How much more office space does Rosslyn possibly need? 1812 N Moore is still vacant and CEB's move-out to Central Place would push vacancy up to 30% or so. Boeing's also probably going to leave from what I understand and no one wants to be in those crappy '70s and '80s buildings.


----------



## geoking66 (Jun 27, 2006)

Crane now up at 600 Mass. It's pretty off-center, so I wonder if another one is going to go up at some point.










Also, the foundation is pretty deep:


----------



## desertpunk (Oct 12, 2009)

*Observation Deck Could be ‘Game Changer’ for Rosslyn*












> When CEB Tower opens — it’s expected to be finished after its adjacent residential tower in 2017 — its observation deck is expected to help usher in a new era for Rosslyn.
> 
> The tower, currently under construction at the corner of Wilson Blvd and N. Moore and Lynn Streets, will provide the public with a place to look down on D.C., the National Mall and Arlington National Cemetery from 390 feet up. The building will be one of the tallest in the region, and local officials think it will be the key for making Rosslyn a major tourist hub.
> 
> ...


----------



## geoking66 (Jun 27, 2006)

Ground works for phase 1 of The Wharf in SW DC.










Masterplan:


----------



## Manitopiaaa (Mar 6, 2006)

Geoking, are there any more new neighborhoods being built at this scale?


----------



## geoking66 (Jun 27, 2006)

Manitopiaaa said:


> Geoking, are there any more new neighborhoods being built at this scale?


The only comparable development that I can think of is The Yards near Nats Park. There have been other large visions (such as the redevelopment of the SW Federal Center and Tysons Corner Center) but none are a joint project so much as incremental.


----------



## geoking66 (Jun 27, 2006)

Was up in Bethesda earlier today. It's one of the region's more mixed-use and transit-oriented suburbs, similar to Arlington but until recently without the same level of development. 

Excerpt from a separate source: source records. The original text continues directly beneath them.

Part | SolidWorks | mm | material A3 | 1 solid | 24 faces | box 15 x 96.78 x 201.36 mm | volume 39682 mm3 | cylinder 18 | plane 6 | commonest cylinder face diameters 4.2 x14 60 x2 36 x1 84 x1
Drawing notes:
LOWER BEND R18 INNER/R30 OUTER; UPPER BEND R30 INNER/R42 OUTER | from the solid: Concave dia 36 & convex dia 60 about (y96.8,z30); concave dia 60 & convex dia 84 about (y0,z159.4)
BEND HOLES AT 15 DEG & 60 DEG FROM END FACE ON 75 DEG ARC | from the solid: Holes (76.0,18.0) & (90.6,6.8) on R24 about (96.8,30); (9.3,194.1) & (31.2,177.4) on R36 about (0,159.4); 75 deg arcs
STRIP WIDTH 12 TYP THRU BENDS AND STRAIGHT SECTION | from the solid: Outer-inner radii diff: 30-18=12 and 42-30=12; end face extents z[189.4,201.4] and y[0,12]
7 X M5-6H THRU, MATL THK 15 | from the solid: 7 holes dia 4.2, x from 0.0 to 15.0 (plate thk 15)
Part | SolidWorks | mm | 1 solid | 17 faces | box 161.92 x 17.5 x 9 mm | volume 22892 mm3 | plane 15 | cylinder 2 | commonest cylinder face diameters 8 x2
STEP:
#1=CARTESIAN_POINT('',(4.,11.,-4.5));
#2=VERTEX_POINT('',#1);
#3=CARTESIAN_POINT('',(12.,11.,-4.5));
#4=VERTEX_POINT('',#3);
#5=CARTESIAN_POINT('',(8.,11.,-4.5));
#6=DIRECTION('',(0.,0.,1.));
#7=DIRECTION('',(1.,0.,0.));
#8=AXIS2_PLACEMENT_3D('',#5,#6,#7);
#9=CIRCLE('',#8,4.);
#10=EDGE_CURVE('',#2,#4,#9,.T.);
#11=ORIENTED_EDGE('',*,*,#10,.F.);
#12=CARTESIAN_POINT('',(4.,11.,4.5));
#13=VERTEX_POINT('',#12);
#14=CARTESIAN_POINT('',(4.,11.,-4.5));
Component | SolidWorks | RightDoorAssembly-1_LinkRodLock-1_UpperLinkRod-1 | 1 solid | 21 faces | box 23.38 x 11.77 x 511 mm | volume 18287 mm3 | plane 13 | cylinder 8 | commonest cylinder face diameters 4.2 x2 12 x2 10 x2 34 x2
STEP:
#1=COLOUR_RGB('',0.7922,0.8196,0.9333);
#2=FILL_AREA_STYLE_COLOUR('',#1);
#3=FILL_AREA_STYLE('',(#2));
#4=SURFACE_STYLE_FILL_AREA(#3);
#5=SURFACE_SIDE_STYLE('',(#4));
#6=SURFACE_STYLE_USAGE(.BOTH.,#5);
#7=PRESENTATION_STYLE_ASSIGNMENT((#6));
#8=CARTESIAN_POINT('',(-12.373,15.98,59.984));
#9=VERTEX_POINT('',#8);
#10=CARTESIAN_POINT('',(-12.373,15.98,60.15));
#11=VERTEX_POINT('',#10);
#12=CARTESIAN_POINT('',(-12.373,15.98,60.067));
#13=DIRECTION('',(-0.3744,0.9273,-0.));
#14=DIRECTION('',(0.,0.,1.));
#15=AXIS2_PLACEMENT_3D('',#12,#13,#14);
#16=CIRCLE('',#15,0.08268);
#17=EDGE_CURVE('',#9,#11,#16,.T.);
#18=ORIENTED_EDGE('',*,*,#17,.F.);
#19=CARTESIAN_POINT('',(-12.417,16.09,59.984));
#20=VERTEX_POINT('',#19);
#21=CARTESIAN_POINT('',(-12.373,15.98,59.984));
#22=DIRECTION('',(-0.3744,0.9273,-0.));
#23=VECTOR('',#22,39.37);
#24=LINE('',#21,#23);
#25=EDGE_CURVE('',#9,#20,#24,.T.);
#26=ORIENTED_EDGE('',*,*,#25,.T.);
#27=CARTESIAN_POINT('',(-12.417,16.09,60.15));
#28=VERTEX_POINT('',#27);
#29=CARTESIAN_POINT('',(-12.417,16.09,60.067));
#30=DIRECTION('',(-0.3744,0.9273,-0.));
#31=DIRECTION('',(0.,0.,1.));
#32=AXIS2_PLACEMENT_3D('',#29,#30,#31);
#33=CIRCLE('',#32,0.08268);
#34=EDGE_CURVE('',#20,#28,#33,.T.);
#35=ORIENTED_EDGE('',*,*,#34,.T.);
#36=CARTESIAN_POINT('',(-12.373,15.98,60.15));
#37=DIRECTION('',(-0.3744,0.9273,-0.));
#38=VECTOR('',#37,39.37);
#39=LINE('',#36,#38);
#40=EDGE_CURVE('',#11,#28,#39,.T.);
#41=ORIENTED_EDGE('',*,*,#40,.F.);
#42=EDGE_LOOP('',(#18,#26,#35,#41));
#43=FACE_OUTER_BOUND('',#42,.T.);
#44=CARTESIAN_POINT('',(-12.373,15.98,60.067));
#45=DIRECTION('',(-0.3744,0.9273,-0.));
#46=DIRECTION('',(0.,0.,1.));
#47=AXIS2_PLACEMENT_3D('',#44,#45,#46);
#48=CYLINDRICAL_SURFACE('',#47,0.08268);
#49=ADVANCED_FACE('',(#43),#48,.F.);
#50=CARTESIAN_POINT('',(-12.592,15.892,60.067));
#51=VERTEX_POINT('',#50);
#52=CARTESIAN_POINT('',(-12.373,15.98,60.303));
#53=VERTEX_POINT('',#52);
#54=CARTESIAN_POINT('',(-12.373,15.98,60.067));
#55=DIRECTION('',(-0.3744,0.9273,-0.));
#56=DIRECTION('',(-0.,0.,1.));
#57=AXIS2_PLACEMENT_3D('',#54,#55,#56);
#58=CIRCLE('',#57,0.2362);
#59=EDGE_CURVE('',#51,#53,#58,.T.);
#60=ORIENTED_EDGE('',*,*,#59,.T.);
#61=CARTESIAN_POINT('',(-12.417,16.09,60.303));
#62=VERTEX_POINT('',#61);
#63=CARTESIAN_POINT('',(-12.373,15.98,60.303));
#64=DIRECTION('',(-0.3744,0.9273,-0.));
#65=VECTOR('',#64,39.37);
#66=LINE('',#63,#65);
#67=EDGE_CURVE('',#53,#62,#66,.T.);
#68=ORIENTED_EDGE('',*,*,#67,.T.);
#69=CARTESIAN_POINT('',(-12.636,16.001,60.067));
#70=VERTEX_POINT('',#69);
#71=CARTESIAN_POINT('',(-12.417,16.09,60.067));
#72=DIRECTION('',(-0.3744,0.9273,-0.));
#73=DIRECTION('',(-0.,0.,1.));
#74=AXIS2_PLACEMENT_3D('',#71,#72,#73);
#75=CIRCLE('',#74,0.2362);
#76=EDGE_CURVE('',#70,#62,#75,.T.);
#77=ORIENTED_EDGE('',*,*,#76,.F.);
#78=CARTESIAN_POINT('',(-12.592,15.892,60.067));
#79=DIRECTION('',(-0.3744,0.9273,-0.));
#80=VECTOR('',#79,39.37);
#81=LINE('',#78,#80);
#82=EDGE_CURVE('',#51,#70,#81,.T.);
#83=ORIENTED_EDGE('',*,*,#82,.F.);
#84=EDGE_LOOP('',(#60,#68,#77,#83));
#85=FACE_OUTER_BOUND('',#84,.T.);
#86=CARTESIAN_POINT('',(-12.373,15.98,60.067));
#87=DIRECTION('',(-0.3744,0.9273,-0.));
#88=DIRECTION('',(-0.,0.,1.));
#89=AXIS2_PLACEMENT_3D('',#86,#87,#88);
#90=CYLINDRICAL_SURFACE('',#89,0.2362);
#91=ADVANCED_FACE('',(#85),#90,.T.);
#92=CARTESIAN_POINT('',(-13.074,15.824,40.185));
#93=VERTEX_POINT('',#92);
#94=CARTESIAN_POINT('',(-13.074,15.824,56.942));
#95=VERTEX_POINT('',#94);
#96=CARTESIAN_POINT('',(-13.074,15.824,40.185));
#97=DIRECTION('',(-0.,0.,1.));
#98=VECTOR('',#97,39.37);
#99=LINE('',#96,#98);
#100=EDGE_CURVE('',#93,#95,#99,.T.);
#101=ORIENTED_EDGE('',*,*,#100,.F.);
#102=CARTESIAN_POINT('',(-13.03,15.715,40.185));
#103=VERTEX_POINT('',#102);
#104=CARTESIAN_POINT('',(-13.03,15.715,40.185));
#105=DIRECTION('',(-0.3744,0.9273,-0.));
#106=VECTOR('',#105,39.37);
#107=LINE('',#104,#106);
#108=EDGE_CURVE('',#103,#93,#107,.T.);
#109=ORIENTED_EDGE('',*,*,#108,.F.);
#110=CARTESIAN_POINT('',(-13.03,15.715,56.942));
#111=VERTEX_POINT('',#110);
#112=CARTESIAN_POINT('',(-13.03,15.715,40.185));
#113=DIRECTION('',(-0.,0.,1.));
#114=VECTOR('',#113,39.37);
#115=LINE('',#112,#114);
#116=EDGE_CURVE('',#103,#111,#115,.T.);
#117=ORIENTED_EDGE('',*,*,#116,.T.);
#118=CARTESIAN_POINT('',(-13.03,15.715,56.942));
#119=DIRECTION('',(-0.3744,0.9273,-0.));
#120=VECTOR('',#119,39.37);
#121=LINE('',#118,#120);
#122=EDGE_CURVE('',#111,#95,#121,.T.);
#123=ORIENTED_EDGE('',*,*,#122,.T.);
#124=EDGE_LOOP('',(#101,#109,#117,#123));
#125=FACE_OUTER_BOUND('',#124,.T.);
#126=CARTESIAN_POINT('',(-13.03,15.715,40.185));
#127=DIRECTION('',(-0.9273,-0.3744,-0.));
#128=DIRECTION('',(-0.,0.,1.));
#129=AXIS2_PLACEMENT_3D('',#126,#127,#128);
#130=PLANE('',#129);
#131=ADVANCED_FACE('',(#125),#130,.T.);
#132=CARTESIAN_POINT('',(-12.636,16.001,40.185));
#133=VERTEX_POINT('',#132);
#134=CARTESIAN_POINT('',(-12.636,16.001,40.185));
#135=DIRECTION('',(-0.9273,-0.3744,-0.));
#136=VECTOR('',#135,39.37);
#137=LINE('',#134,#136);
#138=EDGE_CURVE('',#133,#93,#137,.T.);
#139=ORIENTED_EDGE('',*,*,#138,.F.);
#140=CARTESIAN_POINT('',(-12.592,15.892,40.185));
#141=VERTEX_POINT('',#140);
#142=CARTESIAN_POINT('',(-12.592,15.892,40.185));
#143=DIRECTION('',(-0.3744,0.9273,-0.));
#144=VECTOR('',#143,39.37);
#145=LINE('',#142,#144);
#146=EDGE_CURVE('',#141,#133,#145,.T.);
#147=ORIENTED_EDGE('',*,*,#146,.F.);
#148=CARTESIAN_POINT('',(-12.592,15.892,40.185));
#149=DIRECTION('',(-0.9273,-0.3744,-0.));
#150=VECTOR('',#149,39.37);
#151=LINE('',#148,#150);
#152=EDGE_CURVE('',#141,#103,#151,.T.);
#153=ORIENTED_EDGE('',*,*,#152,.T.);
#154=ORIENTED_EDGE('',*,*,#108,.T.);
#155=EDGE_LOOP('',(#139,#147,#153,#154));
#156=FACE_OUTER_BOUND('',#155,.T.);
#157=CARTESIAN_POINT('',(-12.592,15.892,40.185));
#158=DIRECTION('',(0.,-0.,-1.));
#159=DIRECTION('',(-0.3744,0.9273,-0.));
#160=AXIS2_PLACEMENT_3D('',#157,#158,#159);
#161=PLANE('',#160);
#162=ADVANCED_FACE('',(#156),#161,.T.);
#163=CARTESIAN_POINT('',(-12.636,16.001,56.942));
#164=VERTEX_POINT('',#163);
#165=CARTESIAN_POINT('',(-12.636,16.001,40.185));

The Darcy is nearing completion:


Untitled by pjryan92, on Flickr

Crane for The Lauren is now up. This is one of the most expensive new condos going up in the DC area: a typical condo is asking $2.5m. 


Untitled by pjryan92, on Flickr


----------



## Manitopiaaa (Mar 6, 2006)

geoking66 said:


> The only comparable development that I can think of is The Yards near Nats Park. There have been other large visions (such as the redevelopment of the SW Federal Center and Tysons Corner Center) but none are a joint project so much as incremental.


I thought of places like National Harbor or Potomac Yards. But those aren't new neighborhoods more than they are just areas of potential future development. As for growth, there's no doubt the next decade belongs to Atlas, Petworth and Shaw in terms of development. We just need that new blue line to spur things along in 20 years. Holding out hope for something like this:


----------



## geoking66 (Jun 27, 2006)

Manitopiaaa said:


> I thought of places like National Harbor or Potomac Yards. But those aren't new neighborhoods more than they are just areas of potential future development. As for growth, there's no doubt the next decade belongs to Atlas, Petworth and Shaw in terms of development. We just need that new blue line to spur things along in 20 years. Holding out hope for something like this:


I'm increasingly doubtful that a separate Blue Line will ever happen. WMATA is held in such disdain and can't even run a basic service, while battles between multiple governments and public-sector ineptitude will complicate any attempt to get this done. And the price tag will easily exceed $10bn. I wouldn't be surprised if it costs more than Crossrail in London for half the benefit.


----------



## Manitopiaaa (Mar 6, 2006)

Yeah, WMATA is truly horrendous. I can't believe how expensive it is to do anything in Washington. You'd think a city with a GDP per capita of $170,000 could get some decent transit. It's quite sad. And now Larry Hogan looks set to ruin the Purple Line in Maryland. There goes another decade of menial progress. We have fewer metro stations than Oslo, a city with 800,000 people. DC is over 6,000,000.


----------



## Tower Dude (Oct 13, 2013)

D.C. proper is 600,000. But I totally agree with you US cities and metros need denser development and more robust transit options.


----------



## ghettobird (Jan 20, 2014)

msquaredb said:


> The height limit drives me crazy. The DC metro has so much potential and pent up demand.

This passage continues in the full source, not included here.